Are you currently working on another book? And if so, what—or who—is your subject?

I’m having a blast writing my current (untitled for the moment) book, which has a much lighter, fun feel and greased-lightning pace. It’s about a young woman who grew up in Florence, in the Ospedale degli Innocenti, Italy’s landmark orphanage. In those days, a fifteen-year-old girl in the orphanage was considered an adult, and had to leave. She was given two choices: Marry (usually an undesirable older man looking more for a servant than a real wife) or join a nunnery. Well, my heroine, Giulia, is too headstrong and independent to countenance either. She escapes to the street. Rather than become a prostitute, like most unmarried, uncloistered orphaned girls, she becomes a highly skilled pickpocket, giving most of her earnings to her fellow orphans.

 

The period is 1479-80, during Florence’s war with the King of Naples and the Pope of Rome. And Florence was losing big-time. Lorenzo de’ Medici, the first citizen of Florence, risked his neck by paying a secret visit to the King of Naples himself, and launched a one-man diplomatic campaign to save Florence using nothing but his wit and personal charm. It was an amazing, difficult time, and one of the most fascinating events of the Italian Renaissance.

 

My heroine Giulia will find herself entangled in the intrigue and espionage surrounding Lorenzo’s famous visit to Naples, at which point her life changes forever. Lorenzo is a pivotal character. The story starts two years after Giulia’s departure from the orphanage. We find her on page one with her hand in the pocket of a victim, just as an extremely attractive young policeman catches and arrests her.…

 

Historical Perspective

 

Do You Know?

 

• The Spanish Inquisition did not persecute Jews. Instead, it targeted those Christians of Jewish ancestry who were suspected of practicing Jewish rituals.
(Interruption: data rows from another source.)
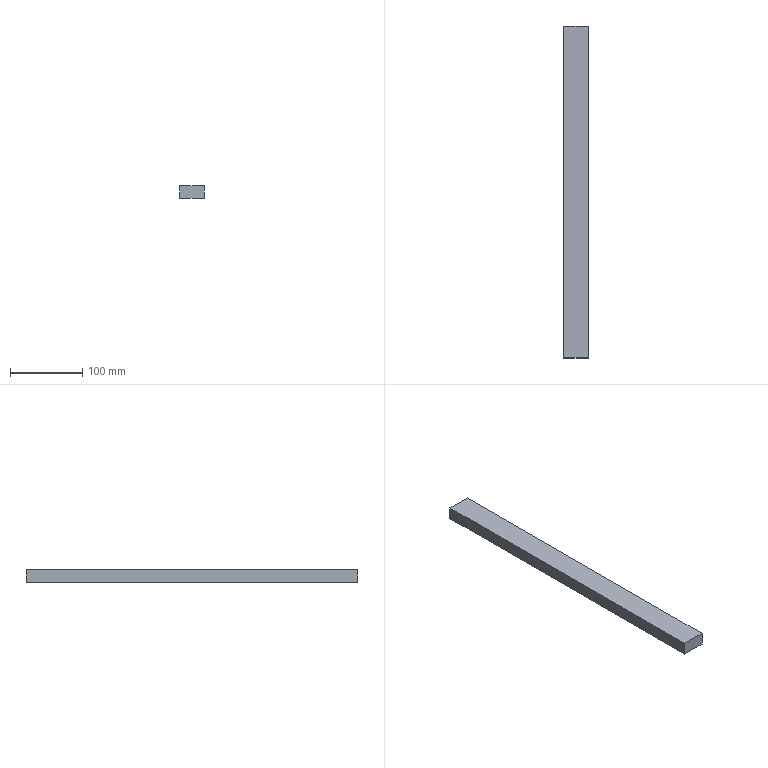Component | SolidWorks | SlideRailShim-3 | 1 solid | 6 faces | box 34 x 460 x 18 mm | volume 281520 mm3 | plane 6
build123d program:
from build123d import *

# Parameters (mm, degrees)
SKETCH1_W           = 18
SKETCH1_H           = 460
BOSS_EXTRUDE1_DEPTH = 17


with BuildPart() as part:
    # Sketch1 → Boss-Extrude1 (new, symmetric)
    with BuildSketch(Plane.XY):
        Rectangle(SKETCH1_W, SKETCH1_H)
    extrude(amount=BOSS_EXTRUDE1_DEPTH, both=True)


solid = part.part

# Placed as in the assembly
solid = solid.moved(Location((62.398, 237.837, 47.5), (0, 90, 0)))
STEP:
#1=CARTESIAN_POINT('',(3.126,18.419,1.516));
#2=VERTEX_POINT('',#1);
#3=CARTESIAN_POINT('',(3.126,0.3085,1.516));
#4=VERTEX_POINT('',#3);
#5=CARTESIAN_POINT('',(3.126,0.3085,1.516));
#6=DIRECTION('',(-0.,-1.,-0.));
#7=VECTOR('',#6,39.37);
#8=LINE('',#5,#7);
#9=EDGE_CURVE('',#2,#4,#8,.T.);
#10=ORIENTED_EDGE('',*,*,#9,.T.);
#11=CARTESIAN_POINT('',(1.787,0.3085,1.516));
#12=VERTEX_POINT('',#11);
#13=CARTESIAN_POINT('',(1.787,0.3085,1.516));
#14=DIRECTION('',(1.,0.,-0.));
#15=VECTOR('',#14,39.37);
#16=LINE('',#13,#15);
#17=EDGE_CURVE('',#12,#4,#16,.T.);
#18=ORIENTED_EDGE('',*,*,#17,.F.);
#19=CARTESIAN_POINT('',(1.787,18.419,1.516));
#20=VERTEX_POINT('',#19);
#21=CARTESIAN_POINT('',(1.787,0.3085,1.516));
#22=DIRECTION('',(-0.,-1.,-0.));
#23=VECTOR('',#22,39.37);
#24=LINE('',#21,#23);
#25=EDGE_CURVE('',#20,#12,#24,.T.);
#26=ORIENTED_EDGE('',*,*,#25,.F.);
#27=CARTESIAN_POINT('',(1.787,18.419,1.516));
#28=DIRECTION('',(1.,0.,-0.));
#29=VECTOR('',#28,39.37);
#30=LINE('',#27,#29);
#31=EDGE_CURVE('',#20,#2,#30,.T.);
#32=ORIENTED_EDGE('',*,*,#31,.T.);
#33=EDGE_LOOP('',(#10,#18,#26,#32));
#34=FACE_OUTER_BOUND('',#33,.T.);
#35=CARTESIAN_POINT('',(1.787,0.3085,1.516));
#36=DIRECTION('',(0.,-0.,1.));
#37=DIRECTION('',(1.,0.,-0.));
#38=AXIS2_PLACEMENT_3D('',#35,#36,#37);
#39=PLANE('',#38);
#40=ADVANCED_FACE('',(#34),#39,.F.);
#41=CARTESIAN_POINT('',(3.126,0.3085,2.224));
#42=VERTEX_POINT('',#41);
#43=CARTESIAN_POINT('',(3.126,0.3085,2.224));
#44=DIRECTION('',(0.,0.,1.));
#45=VECTOR('',#44,39.37);
#46=LINE('',#43,#45);
#47=EDGE_CURVE('',#4,#42,#46,.T.);
#48=ORIENTED_EDGE('',*,*,#47,.T.);
#49=CARTESIAN_POINT('',(1.787,0.3085,2.224));
#50=VERTEX_POINT('',#49);
#51=CARTESIAN_POINT('',(1.787,0.3085,2.224));
#52=DIRECTION('',(1.,0.,-0.));
#53=VECTOR('',#52,39.37);
#54=LINE('',#51,#53);
#55=EDGE_CURVE('',#50,#42,#54,.T.);
#56=ORIENTED_EDGE('',*,*,#55,.F.);
#57=CARTESIAN_POINT('',(1.787,0.3085,2.224));
#58=DIRECTION('',(0.,0.,1.));
#59=VECTOR('',#58,39.37);
#60=LINE('',#57,#59);
#61=EDGE_CURVE('',#12,#50,#60,.T.);
#62=ORIENTED_EDGE('',*,*,#61,.F.);
#63=ORIENTED_EDGE('',*,*,#17,.T.);
#64=EDGE_LOOP('',(#48,#56,#62,#63));
#65=FACE_OUTER_BOUND('',#64,.T.);
#66=CARTESIAN_POINT('',(1.787,0.3085,2.224));
#67=DIRECTION('',(-0.,1.,0.));
#68=DIRECTION('',(-1.,-0.,0.));
#69=AXIS2_PLACEMENT_3D('',#66,#67,#68);
#70=PLANE('',#69);
#71=ADVANCED_FACE('',(#65),#70,.F.);
#72=CARTESIAN_POINT('',(3.126,18.419,2.224));
#73=VERTEX_POINT('',#72);
#74=CARTESIAN_POINT('',(3.126,0.3085,2.224));
#75=DIRECTION('',(0.,1.,0.));
#76=VECTOR('',#75,39.37);
#77=LINE('',#74,#76);
#78=EDGE_CURVE('',#42,#73,#77,.T.);
#79=ORIENTED_EDGE('',*,*,#78,.T.);
#80=CARTESIAN_POINT('',(1.787,18.419,2.224));
#81=VERTEX_POINT('',#80);
#82=CARTESIAN_POINT('',(1.787,18.419,2.224));
#83=DIRECTION('',(1.,0.,-0.));
#84=VECTOR('',#83,39.37);
#85=LINE('',#82,#84);
#86=EDGE_CURVE('',#81,#73,#85,.T.);
#87=ORIENTED_EDGE('',*,*,#86,.F.);
#88=CARTESIAN_POINT('',(1.787,0.3085,2.224));
#89=DIRECTION('',(0.,1.,0.));
#90=VECTOR('',#89,39.37);
#91=LINE('',#88,#90);
#92=EDGE_CURVE('',#50,#81,#91,.T.);
#93=ORIENTED_EDGE('',*,*,#92,.F.);
#94=ORIENTED_EDGE('',*,*,#55,.T.);
#95=EDGE_LOOP('',(#79,#87,#93,#94));
#96=FACE_OUTER_BOUND('',#95,.T.);
#97=CARTESIAN_POINT('',(1.787,0.3085,2.224));
#98=DIRECTION('',(-0.,0.,-1.));
#99=DIRECTION('',(-1.,-0.,0.));
#100=AXIS2_PLACEMENT_3D('',#97,#98,#99);
#101=PLANE('',#100);
#102=ADVANCED_FACE('',(#96),#101,.F.);
#103=CARTESIAN_POINT('',(3.126,18.419,2.224));
#104=DIRECTION('',(-0.,0.,-1.));
#105=VECTOR('',#104,39.37);
#106=LINE('',#103,#105);
#107=EDGE_CURVE('',#73,#2,#106,.T.);
#108=ORIENTED_EDGE('',*,*,#107,.T.);
#109=ORIENTED_EDGE('',*,*,#31,.F.);
#110=CARTESIAN_POINT('',(1.787,18.419,2.224));
#111=DIRECTION('',(-0.,0.,-1.));
#112=VECTOR('',#111,39.37);
#113=LINE('',#110,#112);
#114=EDGE_CURVE('',#81,#20,#113,.T.);
#115=ORIENTED_EDGE('',*,*,#114,.F.);
#116=ORIENTED_EDGE('',*,*,#86,.T.);
#117=EDGE_LOOP('',(#108,#109,#115,#116));
#118=FACE_OUTER_BOUND('',#117,.T.);
#119=CARTESIAN_POINT('',(1.787,18.419,2.224));
#120=DIRECTION('',(0.,-1.,-0.));
#121=DIRECTION('',(1.,0.,-0.));
#122=AXIS2_PLACEMENT_3D('',#119,#120,#121);
#123=PLANE('',#122);
#124=ADVANCED_FACE('',(#118),#123,.F.);
#125=ORIENTED_EDGE('',*,*,#25,.T.);
#126=ORIENTED_EDGE('',*,*,#61,.T.);
#127=ORIENTED_EDGE('',*,*,#92,.T.);
#128=ORIENTED_EDGE('',*,*,#114,.T.);
#129=EDGE_LOOP('',(#125,#126,#127,#128));
#130=FACE_OUTER_BOUND('',#129,.T.);
#131=CARTESIAN_POINT('',(1.787,9.364,1.87));
#132=DIRECTION('',(-1.,-0.,0.));
#133=DIRECTION('',(0.,0.,1.));
#134=AXIS2_PLACEMENT_3D('',#131,#132,#133);
#135=PLANE('',#134);
#136=ADVANCED_FACE('',(#130),#135,.T.);
#137=ORIENTED_EDGE('',*,*,#9,.F.);
#138=ORIENTED_EDGE('',*,*,#107,.F.);
#139=ORIENTED_EDGE('',*,*,#78,.F.);
#140=ORIENTED_EDGE('',*,*,#47,.F.);
#141=EDGE_LOOP('',(#137,#138,#139,#140));
#142=FACE_OUTER_BOUND('',#141,.T.);
#143=CARTESIAN_POINT('',(3.126,9.364,1.87));
#144=DIRECTION('',(-1.,-0.,0.));
#145=DIRECTION('',(0.,0.,1.));
#146=AXIS2_PLACEMENT_3D('',#143,#144,#145);
#147=PLANE('',#146);
#148=ADVANCED_FACE('',(#142),#147,.F.);
#149=CLOSED_SHELL('',(#40,#71,#102,#124,#136,#148));
#150=MANIFOLD_SOLID_BREP('',#149);
#151=CARTESIAN_POINT('',(0.,0.,0.));
#152=DIRECTION('',(0.,0.,1.));
#153=DIRECTION('',(1.,0.,0.));
#154=AXIS2_PLACEMENT_3D('',#151,#152,#153);
#155=(LENGTH_UNIT()NAMED_UNIT(*)SI_UNIT($,.METRE.));
#156=LENGTH_MEASURE_WITH_UNIT(LENGTH_MEASURE(0.0254),#155);
#157=DIMENSIONAL_EXPONENTS(1.,0.,0.,0.,0.,0.,0.);
#158=(CONVERSION_BASED_UNIT('',#156)LENGTH_UNIT()NAMED_UNIT(#157));
#159=UNCERTAINTY_MEASURE_WITH_UNIT(LENGTH_MEASURE(0.00001),#158,'','');
#160=(NAMED_UNIT(*)PLANE_ANGLE_UNIT()SI_UNIT($,.RADIAN.));
#161=(NAMED_UNIT(*)SI_UNIT($,.STERADIAN.)SOLID_ANGLE_UNIT());
#162=(GEOMETRIC_REPRESENTATION_CONTEXT(3)GLOBAL_UNCERTAINTY_ASSIGNED_CONTEXT((#159))GLOBAL_UNIT_ASSIGNED_CONTEXT((#158,#160,#161))REPRESENTATION_CONTEXT('',''));
#163=ADVANCED_BREP_SHAPE_REPRESENTATION('',(#150,#154),#162);
#164=COLOUR_RGB('',0.7922,0.8196,0.9333);
#165=FILL_AREA_STYLE_COLOUR('',#164);
#166=FILL_AREA_STYLE('',(#165));
#167=SURFACE_STYLE_FILL_AREA(#166);
#168=SURFACE_SIDE_STYLE('',(#167));
#169=SURFACE_STYLE_USAGE(.BOTH.,#168);
#170=PRESENTATION_STYLE_ASSIGNMENT((#169));
#171=STYLED_ITEM('',(#170),#150);
#172=(LENGTH_UNIT()NAMED_UNIT(*)SI_UNIT($,.METRE.));
#173=LENGTH_MEASURE_WITH_UNIT(LENGTH_MEASURE(0.0254),#172);
#174=DIMENSIONAL_EXPONENTS(1.,0.,0.,0.,0.,0.,0.);
#175=(CONVERSION_BASED_UNIT('',#173)LENGTH_UNIT()NAMED_UNIT(#174));
#176=UNCERTAINTY_MEASURE_WITH_UNIT(LENGTH_MEASURE(0.00001),#175,'','');
#177=(NAMED_UNIT(*)PLANE_ANGLE_UNIT()SI_UNIT($,.RADIAN.));
#178=(NAMED_UNIT(*)SI_UNIT($,.STERADIAN.)SOLID_ANGLE_UNIT());
#179=(GEOMETRIC_REPRESENTATION_CONTEXT(3)GLOBAL_UNCERTAINTY_ASSIGNED_CONTEXT((#176))GLOBAL_UNIT_ASSIGNED_CONTEXT((#175,#177,#178))REPRESENTATION_CONTEXT('',''));
#180=MECHANICAL_DESIGN_GEOMETRIC_PRESENTATION_REPRESENTATION('',(#171),#179);
#181=PRESENTATION_LAYER_ASSIGNMENT('','',(#171));

While there were, in fact,
conversos
who secretly practiced Judaism, they were few in number.

 

• The Jews in Spain had been living there for a thousand years when the first Visigoths (who ultimately became Spain’s rulers) arrived to conquer them. When the Moors subsequently arrived to throw out the Visigoths, the Jews welcomed them. With the exception of a few individual rulers, the Moors tolerated the Jews well, allowing them more status and freedom than Christian rulers eventually would.

 

• Jews in Spain were not persecuted during the Inquisition, but they were expelled en masse from the country by Queen Isabella’s decree in 1492, as she prepared to seize the last Moorish stronghold in Spain, Granada. Some think that Isabella expelled the Jews because she needed their wealth to fund her war against Granada.

 

• The famous Grand Inquisitor, Tomás de Torquemada, who was known for his vitriolic hatred of Jews and
conversos
, had Jewish blood on his grandmother’s side.

 

• The Dominican order of monks ran the Inquisition and became the symbol of intolerance and racial hatred; however, many Dominicans were against the persecution of Jews and
conversos
. Torquemada’s uncle, the respected scholar Cardinal Juan de Torquemada, also a Dominican, didn’t hide his Jewish ancestry, and argued strenuously for tolerance for
conversos
and Jews.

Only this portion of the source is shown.